Not if the defendant is a direct competitor.  The Andersons, Inc. has sued Harrell's, LLC and three other defendants for infringement of U.S. Patent Nos. 6,884,756; 8,435,321; and 8,574,631 relating to water-dispersible pellet fertilizer.  Harrell's asked the Court to stay the case against it, arguing that it was a "peripheral" defendant in that it merely bought the accused products from the other defendants and resold them.

The Court outlined the law for such a stay:
A district court has inherent discretionary authority to stay proceedings to control its docket and further the interests of justice.

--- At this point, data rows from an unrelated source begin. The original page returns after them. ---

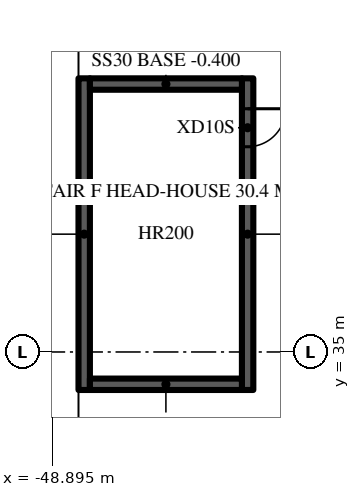
"""IFC4 building model, lengths in metres.
Left out: names, types, materials, properties, quantities, classifications, styles, units other than length and angle.
Written with IfcOpenShell. Run it as: python <this file> out.ifc"""

import sys

from ifc_helpers import new_model, si_unit, direction, frame, frame_2d, origin, place, context, subcontext, project, spatial, rectangle, extrude, element, fill, save


model = new_model("IFC4")
c1 = context("Model", 3, precision=1e-05, world=origin(), true_north=direction((0.0, 1.0)))
c2 = subcontext(c1, "Body", "Model", "MODEL_VIEW")
j1 = project(units=[si_unit("LENGTHUNIT", "METRE"), si_unit("PLANEANGLEUNIT", "RADIAN")], contexts=[c1])
p1 = place(None, origin())
s1 = spatial("IfcSite", under=j1, at=p1, CompositionType="ELEMENT")
p2 = place(p1, origin())
s2 = spatial("IfcBuilding", under=s1, at=p2, CompositionType="ELEMENT")
p3 = place(p2, origin())
s3 = spatial("IfcBuildingStorey", under=s2, at=p3, CompositionType="ELEMENT", Elevation=0.0)
p4 = place(p3, frame((-43.75, 42.2, -0.4), z_axis=(0.0, 0.0, 1.0), x_axis=(0.0, -1.0, 0.0)))
e1 = element("IfcWall", 1, at=p4, inside=s3, PredefinedType="SOLIDWALL", context=c2, shape_type="SweptSolid", body=[
    extrude(rectangle(XDim=8.2, YDim=0.3, at=frame_2d((4.1, 0.0))), origin(), (0.0, 0.0, 1.0), 3.6),
])
p5 = place(p4, frame((0.8, 0.0, 0.4)))
e2 = element("IfcOpeningElement", 2, at=p5, cuts=e1, PredefinedType="OPENING", context=c2, shape_type="SweptSolid", body=[
    extrude(rectangle(XDim=1.0, YDim=2.2, at=frame_2d((0.5, 1.1))), frame((0.0, 0.16, 0.0), z_axis=(0.0, -1.0, 0.0), x_axis=(1.0, 0.0, 0.0)), (0.0, 0.0, 1.0), 0.32),
])
p6 = place(p3, frame((-48.05, 34.0, -0.4), z_axis=(0.0, 0.0, 1.0), x_axis=(0.0, 1.0, 0.0)))
e3 = element("IfcWall", 3, at=p6, inside=s3, PredefinedType="SOLIDWALL", context=c2, shape_type="SweptSolid", body=[
    extrude(rectangle(XDim=8.2, YDim=0.3, at=frame_2d((4.1, 0.0))), origin(), (0.0, 0.0, 1.0), 3.6),
])
for number, where, z_axis, x_axis in (
    (4, (-43.9, 42.05, -0.4), (0.0, 0.0, 1.0), (-1.0, 0.0, 0.0)),
    (5, (-47.9, 34.15, -0.4), (0.0, 0.0, 1.0), (1.0, 0.0, 0.0)),
):
    element("IfcWall", number, at=place(p3, frame(where, z_axis=z_axis, x_axis=x_axis)), inside=s3, PredefinedType="SOLIDWALL", context=c2, shape_type="SweptSolid", body=[
        extrude(rectangle(XDim=4.0, YDim=0.3, at=frame_2d((2.0, 0.0))), origin(), (0.0, 0.0, 1.0), 3.6),
    ])
p7 = place(p5, origin())
e6 = element("IfcDoor", 6, at=p7, inside=s3, OperationType="SINGLE_SWING_LEFT", PredefinedType="DOOR", context=c2, shape_type="SweptSolid", body=[
    extrude(rectangle(XDim=1.0, YDim=2.2, at=frame_2d((0.5, 1.1))), frame((0.0, 0.025, 0.0), z_axis=(0.0, -1.0, 0.0), x_axis=(1.0, 0.0, 0.0)), (0.0, 0.0, 1.0), 0.05),
])
fill(e2, e6)
save(model, sys.argv[1])

CTI-Container Leasing Corp. v. Uiterwyk Corp., 685 F.2d 1284, 1288 (11th Cir. 1982). The applicant for a stay “must make out a clear case of hardship or inequity in being required to go forward, if there is even a fair possibility that the stay for which he prays will work damage to some one else.” Landis v. N. Am. Co., 299 U.S. 248, 255, 57 S.Ct. 163, 166 (1936).  
When a patent-holder sues both the manufacturer of an allegedly infringing device and a customer of the manufacturer--who merely resells the device to the public--district courts frequently stay the claims against the customer-retailer while the suit against the manufacturer proceeds. See generally Heinz Kettler GMBH & Co. v. Indian Indus., Inc., 575 F. Supp. 2d 728, 730 (E.D. Va. 2008); Ricoh Co., Ltd. v. Aeroflex Inc., 279 F. Supp. 2d 554, 557 (D. Del. 2003); Oplus Techs., Ltd. v. Sears Holding Corp., No. 11-cv-8539, 2012 WL 2280696, at *4 (N.D. Ill. Jun. 15, 2012). In such cases, the manufacturer of the allegedly-infringing device is considered to be the real-party interest and in a better position to contest validity and infringement. See id
Notwithstanding these frequent stays, the situation is different when the "peripheral" defendant is one of plaintiff's competitors:
Plaintiff alleges that Harrell's is Plaintiff's direct competitor, that Harrell's previously approached Plaintiff about buying its product, that Plaintiff refused, and that Harrell's then sought out the accused product from [another defendant].  Plaintiff thus maintains that discovery from Harrell's will be relevant to validity, particularly non-obviousness, as well as the issue of willful infringement.
Harrell's desire to avoid the expense and time to participate in discovery did not present an undue hardship or inequity.

Motion to stay, denied.
The Andersons, Inc. v. Enviro Granulation, LLC., Case No. 8:13-CV-3004 (M.D. Fla. July 21, 2014) (J. Covington)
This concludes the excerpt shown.